# Bottle info



## Pop Pop (Aug 24, 2021)

I found a hutch bottle embossed with 
J.C.Meinhardt and Bro. From Cincinnati Ohio and can find absolutely nothing on it. Any help?


----------



## BottleEnthusiast (Aug 24, 2021)

Pop Pop said:


> I found a hutch bottle embossed with
> J.C.Meinhardt and Bro. From Cincinnati Ohio and can find absolutely nothing on it. Any help?


Can you post pictures?


----------



## Pop Pop (Aug 24, 2021)

I will in just a little bit. Not home at the moment


----------



## hemihampton (Aug 24, 2021)

I see 4 different Meinhardts on the Hutchbook website. Check out link below. LEON.





__





						Hutchinson Project-Search Results
					





					www.hutchbook.com


----------



## 5 gallon collector (Aug 25, 2021)

Pop Pop said:


> I found a hutch bottle embossed with
> J.C.Meinhardt and Bro. From Cincinnati Ohio and can find absolutely nothing on it. Any help?
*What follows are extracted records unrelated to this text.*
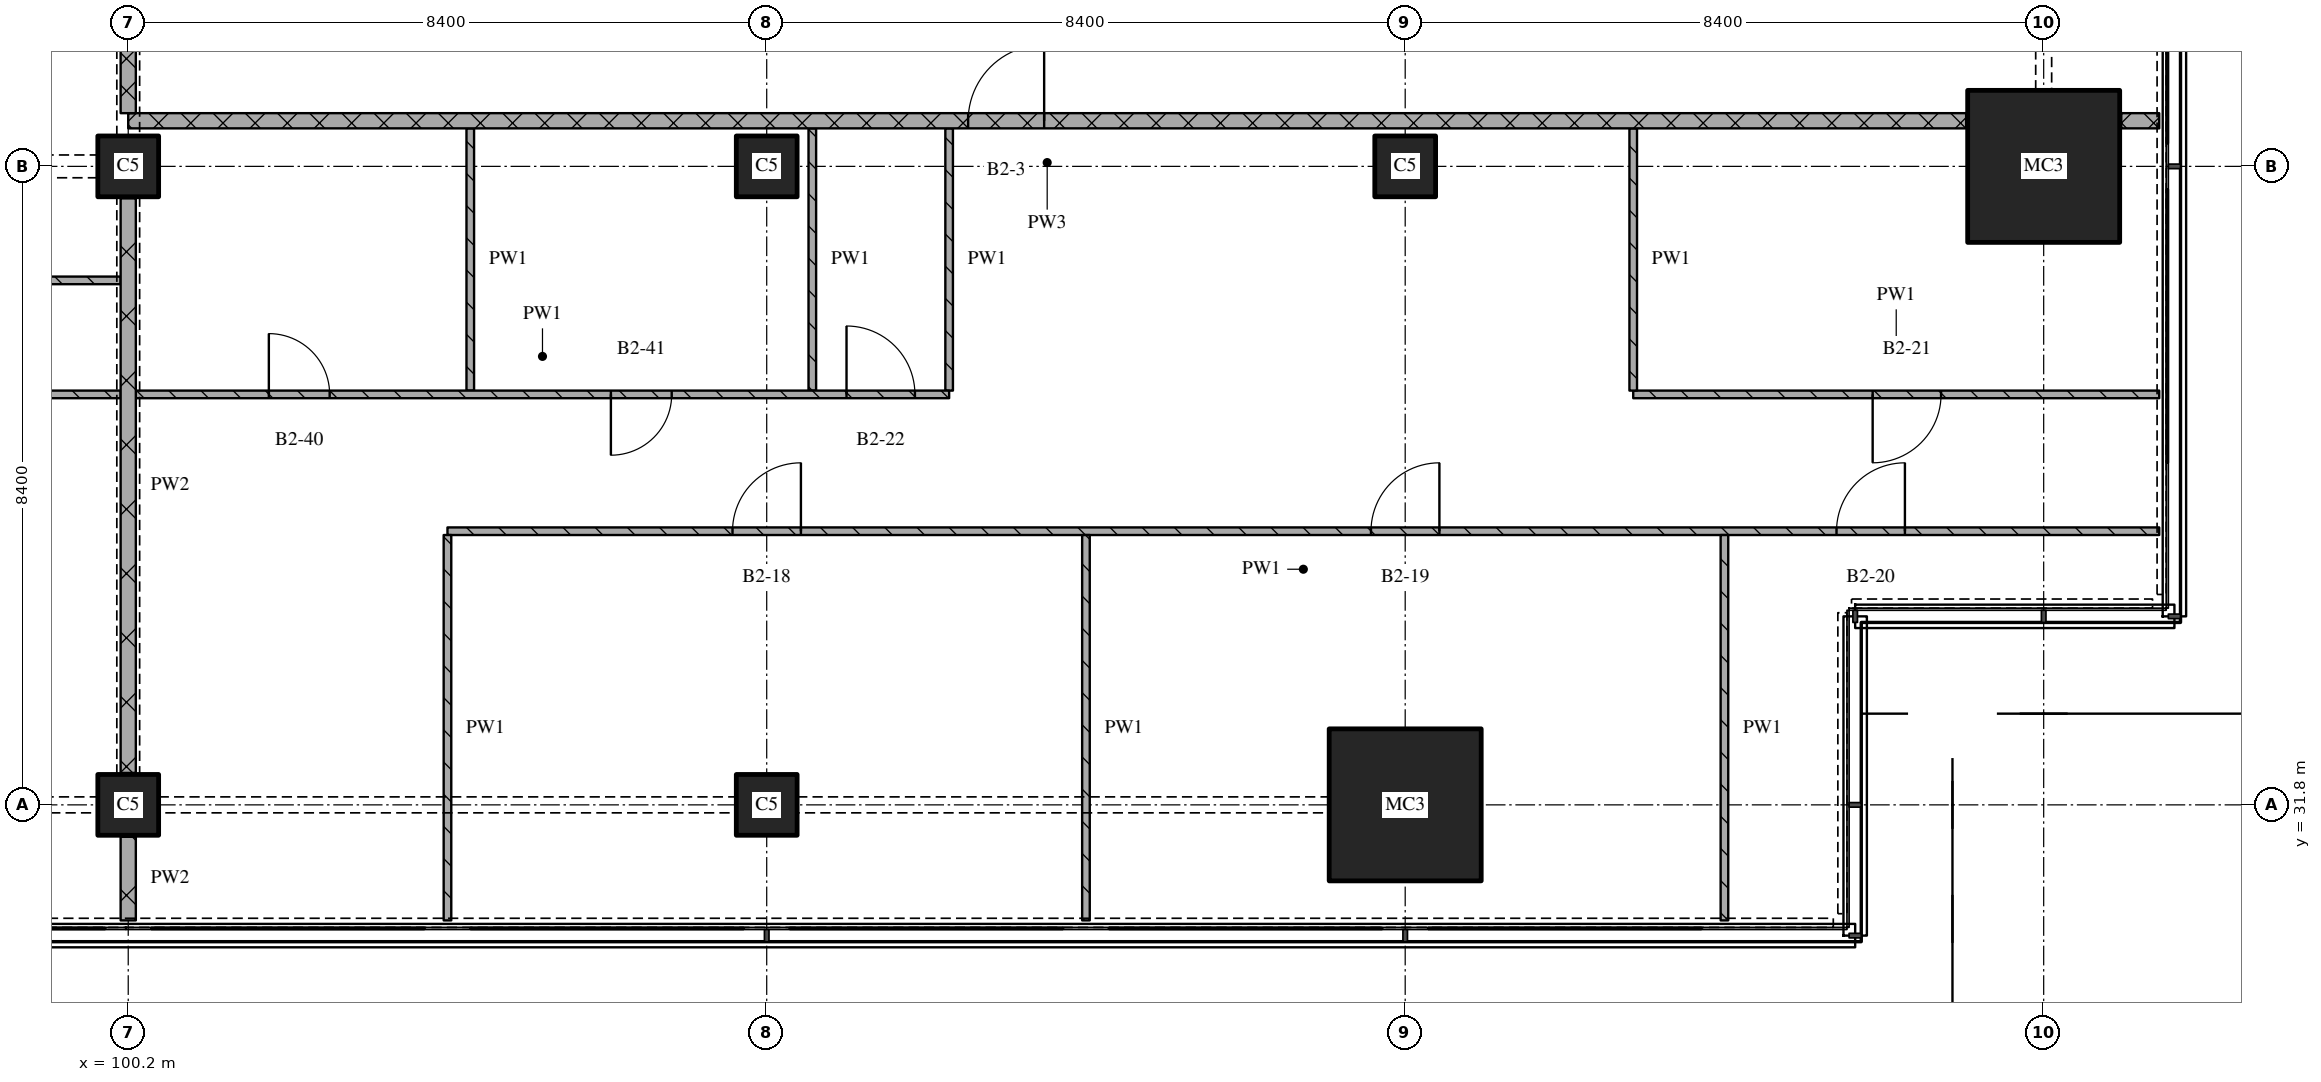
"""IFC4 building model, lengths in metres.
Left out: names, types, materials, properties, quantities, classifications, styles, units other than length and angle.
Written with IfcOpenShell. Run it as: python <this file> out.ifc"""

import sys

from ifc_helpers import new_model, si_unit, direction, frame, frame_2d, origin, origin_2d, place, context, subcontext, project, spatial, rectangle, extrude, element, fill, save


model = new_model("IFC4")
c1 = context("Model", 3, precision=1e-05, world=origin(), true_north=direction((0.0, 1.0)))
c2 = subcontext(c1, "Body", "Model", "MODEL_VIEW")
j1 = project(units=[si_unit("LENGTHUNIT", "METRE"), si_unit("PLANEANGLEUNIT", "RADIAN")], contexts=[c1])
p1 = place(None, origin())
s1 = spatial("IfcSite", under=j1, at=p1, CompositionType="ELEMENT")
p2 = place(p1, origin())
s2 = spatial("IfcBuilding", under=s1, at=p2, CompositionType="ELEMENT")
p3 = place(p2, frame((0.0, 0.0, 106.05)))
s3 = spatial("IfcBuildingStorey", under=s2, at=p3, CompositionType="ELEMENT", Elevation=106.05)
for number, where, z_axis, x_axis in (
    (1, (100.2, 31.8, 0.0), (0.0, 0.0, 1.0), (1.0, 0.0, 0.0)),
    (2, (100.2, 40.2, 0.0), (0.0, 0.0, 1.0), (1.0, 0.0, 0.0)),
    (3, (108.6, 31.8, 0.0), (0.0, 0.0, 1.0), (1.0, 0.0, 0.0)),
    (4, (108.6, 40.2, 0.0), (0.0, 0.0, 1.0), (1.0, 0.0, 0.0)),
):
    element("IfcColumn", number, at=place(p3, frame(where, z_axis=z_axis, x_axis=x_axis)), inside=s3, PredefinedType="COLUMN", context=c2, shape_type="SweptSolid", body=[
        extrude(rectangle(XDim=0.8, YDim=0.8, at=origin_2d()), origin(), (0.0, 0.0, 1.0), 3.6),
    ])
p4 = place(p3, frame((117.0, 31.8, 0.0), z_axis=(0.0, 0.0, 1.0), x_axis=(1.0, 0.0, 0.0)))
e5 = element("IfcColumn", 5, at=p4, inside=s3, PredefinedType="COLUMN", context=c2, shape_type="SweptSolid", body=[
    extrude(rectangle(XDim=2.0, YDim=2.0, at=origin_2d()), origin(), (0.0, 0.0, 1.0), 3.6),
])
p5 = place(p3, frame((117.0, 40.2, 0.0), z_axis=(0.0, 0.0, 1.0), x_axis=(1.0, 0.0, 0.0)))
e6 = element("IfcColumn", 6, at=p5, inside=s3, PredefinedType="COLUMN", context=c2, shape_type="SweptSolid", body=[
    extrude(rectangle(XDim=0.8, YDim=0.8, at=origin_2d()), origin(), (0.0, 0.0, 1.0), 3.6),
])
p6 = place(p3, frame((125.4, 40.2, 0.0), z_axis=(0.0, 0.0, 1.0), x_axis=(1.0, 0.0, 0.0)))
e7 = element("IfcColumn", 7, at=p6, inside=s3, PredefinedType="COLUMN", context=c2, shape_type="SweptSolid", body=[
    extrude(rectangle(XDim=2.0, YDim=2.0, at=origin_2d()), origin(), (0.0, 0.0, 1.0), 3.6),
])
p7 = place(p3, frame((126.92, 35.4, 0.0), z_axis=(0.0, 0.0, 1.0), x_axis=(-1.0, 0.0, 0.0)))
e8 = element("IfcWall", 8, at=p7, inside=s3, PredefinedType="PARTITIONING", context=c2, shape_type="SweptSolid", body=[
    extrude(rectangle(XDim=22.52, YDim=0.1, at=frame_2d((11.26, 0.0))), origin(), (0.0, 0.0, 1.0), 3.32),
])
p8 = place(p7, frame((3.346, 0.0, 0.0)))
e9 = element("IfcOpeningElement", 9, at=p8, cuts=e8, PredefinedType="OPENING", context=c2, shape_type="SweptSolid", body=[
    extrude(rectangle(XDim=0.9, YDim=2.1, at=frame_2d((0.45, 1.05))), frame((0.0, 0.06, 0.0), z_axis=(0.0, -1.0, 0.0), x_axis=(1.0, 0.0, 0.0)), (0.0, 0.0, 1.0), 0.12),
])
p9 = place(p7, frame((9.47, 0.0, 0.0)))
e10 = element("IfcOpeningElement", 10, at=p9, cuts=e8, PredefinedType="OPENING", context=c2, shape_type="SweptSolid", body=[
    extrude(rectangle(XDim=0.9, YDim=2.1, at=frame_2d((0.45, 1.05))), frame((0.0, 0.06, 0.0), z_axis=(0.0, -1.0, 0.0), x_axis=(1.0, 0.0, 0.0)), (0.0, 0.0, 1.0), 0.12),
])
p10 = place(p7, frame((17.87, 0.0, 0.0)))
e11 = element("IfcOpeningElement", 11, at=p10, cuts=e8, PredefinedType="OPENING", context=c2, shape_type="SweptSolid", body=[
    extrude(rectangle(XDim=0.9, YDim=2.1, at=frame_2d((0.45, 1.05))), frame((0.0, 0.06, 0.0), z_axis=(0.0, -1.0, 0.0), x_axis=(1.0, 0.0, 0.0)), (0.0, 0.0, 1.0), 0.12),
])
p11 = place(p3, frame((120.0, 37.2, 0.0), z_axis=(0.0, 0.0, 1.0), x_axis=(1.0, 0.0, 0.0)))
e12 = element("IfcWall", 12, at=p11, inside=s3, PredefinedType="PARTITIONING", context=c2, shape_type="SweptSolid", body=[
    extrude(rectangle(XDim=6.92, YDim=0.1, at=frame_2d((3.46, 0.0))), origin(), (0.0, 0.0, 1.0), 3.32),
])
p12 = place(p11, frame((3.15, 0.0, 0.0)))
e13 = element("IfcOpeningElement", 13, at=p12, cuts=e12, PredefinedType="OPENING", context=c2, shape_type="SweptSolid", body=[
    extrude(rectangle(XDim=0.9, YDim=2.1, at=frame_2d((0.45, 1.05))), frame((0.0, 0.06, 0.0), z_axis=(0.0, -1.0, 0.0), x_axis=(1.0, 0.0, 0.0)), (0.0, 0.0, 1.0), 0.12),
])
p13 = place(p3, frame((95.1, 38.7, 0.0), z_axis=(0.0, 0.0, 1.0), x_axis=(1.0, 0.0, 0.0)))
e14 = element("IfcWall", 14, at=p13, inside=s3, PredefinedType="PARTITIONING", context=c2, shape_type="SweptSolid", body=[
    extrude(rectangle(XDim=5.0, YDim=0.1, at=frame_2d((2.5, 0.0))), origin(), (0.0, 0.0, 1.0), 3.32),
])
p14 = place(p13, frame((2.1, 0.0, 0.0)))
e15 = element("IfcOpeningElement", 15, at=p14, cuts=e14, PredefinedType="OPENING", context=c2, shape_type="SweptSolid", body=[
    extrude(rectangle(XDim=0.9, YDim=2.1, at=frame_2d((0.45, 1.05))), frame((0.0, 0.06, 0.0), z_axis=(0.0, -1.0, 0.0), x_axis=(1.0, 0.0, 0.0)), (0.0, 0.0, 1.0), 0.12),
])
p15 = place(p3, frame((124.38, 40.8, 0.0), z_axis=(0.0, 0.0, 1.0), x_axis=(-1.0, 0.0, 0.0)))
e16 = element("IfcWall", 16, at=p15, inside=s3, PredefinedType="PARTITIONING", context=c2, shape_type="SweptSolid", body=[
    extrude(rectangle(XDim=24.18, YDim=0.2, at=frame_2d((12.09, 0.0))), origin(), (0.0, 0.0, 1.0), 3.32),
])
p16 = place(p15, frame((12.13, 0.0, 0.0)))
e17 = element("IfcOpeningElement", 17, at=p16, cuts=e16, PredefinedType="OPENING", context=c2, shape_type="SweptSolid", body=[
    extrude(rectangle(XDim=1.0, YDim=2.1, at=frame_2d((0.5, 1.05))), frame((0.0, 0.11, 0.0), z_axis=(0.0, -1.0, 0.0), x_axis=(1.0, 0.0, 0.0)), (0.0, 0.0, 1.0), 0.22),
])
p17 = place(p3, frame((126.42, 40.8, 0.0), z_axis=(0.0, 0.0, 1.0), x_axis=(1.0, 0.0, 0.0)))
e18 = element("IfcWall", 18, at=p17, inside=s3, PredefinedType="PARTITIONING", context=c2, shape_type="SweptSolid", body=[
    extrude(rectangle(XDim=0.5, YDim=0.2, at=frame_2d((0.25, 0.0))), origin(), (0.0, 0.0, 1.0), 3.32),
])
p18 = place(p3, frame((100.2, 43.1, 0.0), z_axis=(0.0, 0.0, 1.0), x_axis=(0.0, -1.0, 0.0)))
e19 = element("IfcWall", 19, at=p18, inside=s3, PredefinedType="PARTITIONING", context=c2, shape_type="SweptSolid", body=[
    extrude(rectangle(XDim=2.2, YDim=0.2, at=frame_2d((1.1, 0.0))), origin(), (0.0, 0.0, 1.0), 2.43),
])
p19 = place(p3, frame((100.2, 31.38, 0.0), z_axis=(0.0, 0.0, 1.0), x_axis=(0.0, -1.0, 0.0)))
e20 = element("IfcWall", 20, at=p19, inside=s3, PredefinedType="PARTITIONING", context=c2, shape_type="SweptSolid", body=[
    extrude(rectangle(XDim=1.1, YDim=0.2, at=frame_2d((0.55, 0.0))), origin(), (0.0, 0.0, 1.0), 3.32),
])
p20 = place(p3, frame((100.2, 39.78, 0.0), z_axis=(0.0, 0.0, 1.0), x_axis=(0.0, -1.0, 0.0)))
e21 = element("IfcWall", 21, at=p20, inside=s3, PredefinedType="PARTITIONING", context=c2, shape_type="SweptSolid", body=[
    extrude(rectangle(XDim=7.56, YDim=0.2, at=frame_2d((3.78, 0.0))), origin(), (0.0, 0.0, 1.0), 2.83),
])
p21 = place(p3, frame((104.4, 35.35, 0.0), z_axis=(0.0, 0.0, 1.0), x_axis=(0.0, -1.0, 0.0)))
e22 = element("IfcWall", 22, at=p21, inside=s3, PredefinedType="PARTITIONING", context=c2, shape_type="SweptSolid", body=[
    extrude(rectangle(XDim=5.07, YDim=0.1, at=frame_2d((2.535, 0.0))), origin(), (0.0, 0.0, 1.0), 3.32),
])
for number, where, z_axis, x_axis in (
    (23, (104.7, 40.7, 0.0), (0.0, 0.0, 1.0), (0.0, -1.0, 0.0)),
    (24, (109.2, 40.7, 0.0), (0.0, 0.0, 1.0), (0.0, -1.0, 0.0)),
    (25, (111.0, 40.7, 0.0), (0.0, 0.0, 1.0), (0.0, -1.0, 0.0)),
):
    element("IfcWall", number, at=place(p3, frame(where, z_axis=z_axis, x_axis=x_axis)), inside=s3, PredefinedType="PARTITIONING", context=c2, shape_type="SweptSolid", body=[
        extrude(rectangle(XDim=3.45, YDim=0.1, at=frame_2d((1.725, 0.0))), origin(), (0.0, 0.0, 1.0), 3.32),
    ])
p22 = place(p3, frame((112.8, 35.35, 0.0), z_axis=(0.0, 0.0, 1.0), x_axis=(0.0, -1.0, 0.0)))
e26 = element("IfcWall", 26, at=p22, inside=s3, PredefinedType="PARTITIONING", context=c2, shape_type="SweptSolid", body=[
    extrude(rectangle(XDim=5.07, YDim=0.1, at=frame_2d((2.535, 0.0))), origin(), (0.0, 0.0, 1.0), 3.32),
])
p23 = place(p3, frame((120.0, 40.7, 0.0), z_axis=(0.0, 0.0, 1.0), x_axis=(0.0, -1.0, 0.0)))
e27 = element("IfcWall", 27, at=p23, inside=s3, PredefinedType="PARTITIONING", context=c2, shape_type="SweptSolid", body=[
    extrude(rectangle(XDim=3.45, YDim=0.1, at=frame_2d((1.725, 0.0))), origin(), (0.0, 0.0, 1.0), 3.32),
])
p24 = place(p3, frame((121.2, 35.35, 0.0), z_axis=(0.0, 0.0, 1.0), x_axis=(0.0, -1.0, 0.0)))
e28 = element("IfcWall", 28, at=p24, inside=s3, PredefinedType="PARTITIONING", context=c2, shape_type="SweptSolid", body=[
    extrude(rectangle(XDim=5.07, YDim=0.1, at=frame_2d((2.535, 0.0))), origin(), (0.0, 0.0, 1.0), 3.32),
])
p25 = place(p3, frame((100.1, 37.2, 0.0), z_axis=(0.0, 0.0, 1.0), x_axis=(-1.0, 0.0, 0.0)))
e29 = element("IfcWall", 29, at=p25, inside=s3, PredefinedType="PARTITIONING", context=c2, shape_type="SweptSolid", body=[
    extrude(rectangle(XDim=12.5, YDim=0.1, at=frame_2d((6.25, 0.0))), origin(), (0.0, 0.0, 1.0), 3.32),
])
p26 = place(p25, frame((1.55, 0.0, 0.0)))
e30 = element("IfcOpeningElement", 30, at=p26, cuts=e29, PredefinedType="OPENING", context=c2, shape_type="SweptSolid", body=[
    extrude(rectangle(XDim=0.9, YDim=2.1, at=frame_2d((0.45, 1.05))), frame((0.0, 0.06, 0.0), z_axis=(0.0, -1.0, 0.0), x_axis=(1.0, 0.0, 0.0)), (0.0, 0.0, 1.0), 0.12),
])
p27 = place(p25, frame((7.85, 0.0, 0.0)))
e31 = element("IfcOpeningElement", 31, at=p27, cuts=e29, PredefinedType="OPENING", context=c2, shape_type="SweptSolid", body=[
    extrude(rectangle(XDim=0.9, YDim=2.1, at=frame_2d((0.45, 1.05))), frame((0.0, 0.06, 0.0), z_axis=(0.0, -1.0, 0.0), x_axis=(1.0, 0.0, 0.0)), (0.0, 0.0, 1.0), 0.12),
])
p28 = place(p3, frame((100.3, 37.2, 0.0), z_axis=(0.0, 0.0, 1.0), x_axis=(1.0, 0.0, 0.0)))
e32 = element("IfcWall", 32, at=p28, inside=s3, PredefinedType="PARTITIONING", context=c2, shape_type="SweptSolid", body=[
    extrude(rectangle(XDim=10.7, YDim=0.1, at=frame_2d((5.35, 0.0))), origin(), (0.0, 0.0, 1.0), 3.32),
])
p29 = place(p28, frame((1.75, 0.0, 0.0)))
e33 = element("IfcOpeningElement", 33, at=p29, cuts=e32, PredefinedType="OPENING", context=c2, shape_type="SweptSolid", body=[
    extrude(rectangle(XDim=0.8, YDim=2.1, at=frame_2d((0.4, 1.05))), frame((0.0, 0.06, 0.0), z_axis=(0.0, -1.0, 0.0), x_axis=(1.0, 0.0, 0.0)), (0.0, 0.0, 1.0), 0.12),
])
p30 = place(p28, frame((6.25, 0.0, 0.0)))
e34 = element("IfcOpeningElement", 34, at=p30, cuts=e32, PredefinedType="OPENING", context=c2, shape_type="SweptSolid", body=[
    extrude(rectangle(XDim=0.8, YDim=2.1, at=frame_2d((0.4, 1.05))), frame((0.0, 0.06, 0.0), z_axis=(0.0, -1.0, 0.0), x_axis=(1.0, 0.0, 0.0)), (0.0, 0.0, 1.0), 0.12),
])
p31 = place(p28, frame((9.35, 0.0, 0.0)))
e35 = element("IfcOpeningElement", 35, at=p31, cuts=e32, PredefinedType="OPENING", context=c2, shape_type="SweptSolid", body=[
    extrude(rectangle(XDim=0.9, YDim=2.1, at=frame_2d((0.45, 1.05))), frame((0.0, 0.06, 0.0), z_axis=(0.0, -1.0, 0.0), x_axis=(1.0, 0.0, 0.0)), (0.0, 0.0, 1.0), 0.12),
])
p32 = place(p8, origin())
e36 = element("IfcDoor", 36, at=p32, inside=s3, OperationType="SINGLE_SWING_RIGHT", PredefinedType="DOOR", context=c2, shape_type="SweptSolid", body=[
    extrude(rectangle(XDim=0.9, YDim=2.1, at=frame_2d((0.45, 1.05))), frame((0.0, 0.025, 0.0), z_axis=(0.0, -1.0, 0.0), x_axis=(1.0, 0.0, 0.0)), (0.0, 0.0, 1.0), 0.05),
])
fill(e9, e36)
p33 = place(p9, origin())
e37 = element("IfcDoor", 37, at=p33, inside=s3, OperationType="SINGLE_SWING_RIGHT", PredefinedType="DOOR", context=c2, shape_type="SweptSolid", body=[
    extrude(rectangle(XDim=0.9, YDim=2.1, at=frame_2d((0.45, 1.05))), frame((0.0, 0.025, 0.0), z_axis=(0.0, -1.0, 0.0), x_axis=(1.0, 0.0, 0.0)), (0.0, 0.0, 1.0), 0.05),
])
fill(e10, e37)
p34 = place(p10, origin())
e38 = element("IfcDoor", 38, at=p34, inside=s3, OperationType="SINGLE_SWING_RIGHT", PredefinedType="DOOR", context=c2, shape_type="SweptSolid", body=[
    extrude(rectangle(XDim=0.9, YDim=2.1, at=frame_2d((0.45, 1.05))), frame((0.0, 0.025, 0.0), z_axis=(0.0, -1.0, 0.0), x_axis=(1.0, 0.0, 0.0)), (0.0, 0.0, 1.0), 0.05),
])
fill(e11, e38)
p35 = place(p12, origin())
e39 = element("IfcDoor", 39, at=p35, inside=s3, OperationType="SINGLE_SWING_RIGHT", PredefinedType="DOOR", context=c2, shape_type="SweptSolid", body=[
    extrude(rectangle(XDim=0.9, YDim=2.1, at=frame_2d((0.45, 1.05))), frame((0.0, 0.025, 0.0), z_axis=(0.0, -1.0, 0.0), x_axis=(1.0, 0.0, 0.0)), (0.0, 0.0, 1.0), 0.05),
])
fill(e13, e39)
p36 = place(p16, origin())
e40 = element("IfcDoor", 40, at=p36, inside=s3, OperationType="SINGLE_SWING_RIGHT", PredefinedType="DOOR", context=c2, shape_type="SweptSolid", body=[
    extrude(rectangle(XDim=1.0, YDim=2.1, at=frame_2d((0.5, 1.05))), frame((0.0, 0.025, 0.0), z_axis=(0.0, -1.0, 0.0), x_axis=(1.0, 0.0, 0.0)), (0.0, 0.0, 1.0), 0.05),
])
fill(e17, e40)
p37 = place(p29, origin())
e41 = element("IfcDoor", 41, at=p37, inside=s3, OperationType="SINGLE_SWING_LEFT", PredefinedType="DOOR", context=c2, shape_type="SweptSolid", body=[
    extrude(rectangle(XDim=0.8, YDim=2.1, at=frame_2d((0.4, 1.05))), frame((0.0, 0.025, 0.0), z_axis=(0.0, -1.0, 0.0), x_axis=(1.0, 0.0, 0.0)), (0.0, 0.0, 1.0), 0.05),
])
fill(e33, e41)
p38 = place(p30, origin())
e42 = element("IfcDoor", 42, at=p38, inside=s3, OperationType="SINGLE_SWING_RIGHT", PredefinedType="DOOR", context=c2, shape_type="SweptSolid", body=[
    extrude(rectangle(XDim=0.8, YDim=2.1, at=frame_2d((0.4, 1.05))), frame((0.0, 0.025, 0.0), z_axis=(0.0, -1.0, 0.0), x_axis=(1.0, 0.0, 0.0)), (0.0, 0.0, 1.0), 0.05),
])
fill(e34, e42)
p39 = place(p31, origin())
e43 = element("IfcDoor", 43, at=p39, inside=s3, OperationType="SINGLE_SWING_LEFT", PredefinedType="DOOR", context=c2, shape_type="SweptSolid", body=[
    extrude(rectangle(XDim=0.9, YDim=2.1, at=frame_2d((0.45, 1.05))), frame((0.0, 0.025, 0.0), z_axis=(0.0, -1.0, 0.0), x_axis=(1.0, 0.0, 0.0)), (0.0, 0.0, 1.0), 0.05),
])
fill(e35, e43)
save(model, sys.argv[1])

Here are two newspapers.com references, one an advertisement from 1894 and the other the 1905 obituary of Henry Meinhardt, father of J. C. (John C.) and brothers (Fred, William, Frank, George - though which of them stayed with the business is not stated.)
1900 census records show that John has moved out, is in mineral water.  Fred, Wm and Frank are still home, but only Fred is in mineral water.  
George -- the 2 Georges located in the 190 census were not in mineral water; one would have to go back to the 1870/1880 census for their birthyears to see if either one is actually the son of Henry -- easy to do - but since neither in mineral water, no matter.
So, "& Bro." in 1900 meant '& Fred'.  John C. and Fred.

 
Little did they know that we would be talking about them 120 years later, because of their bottle!


----------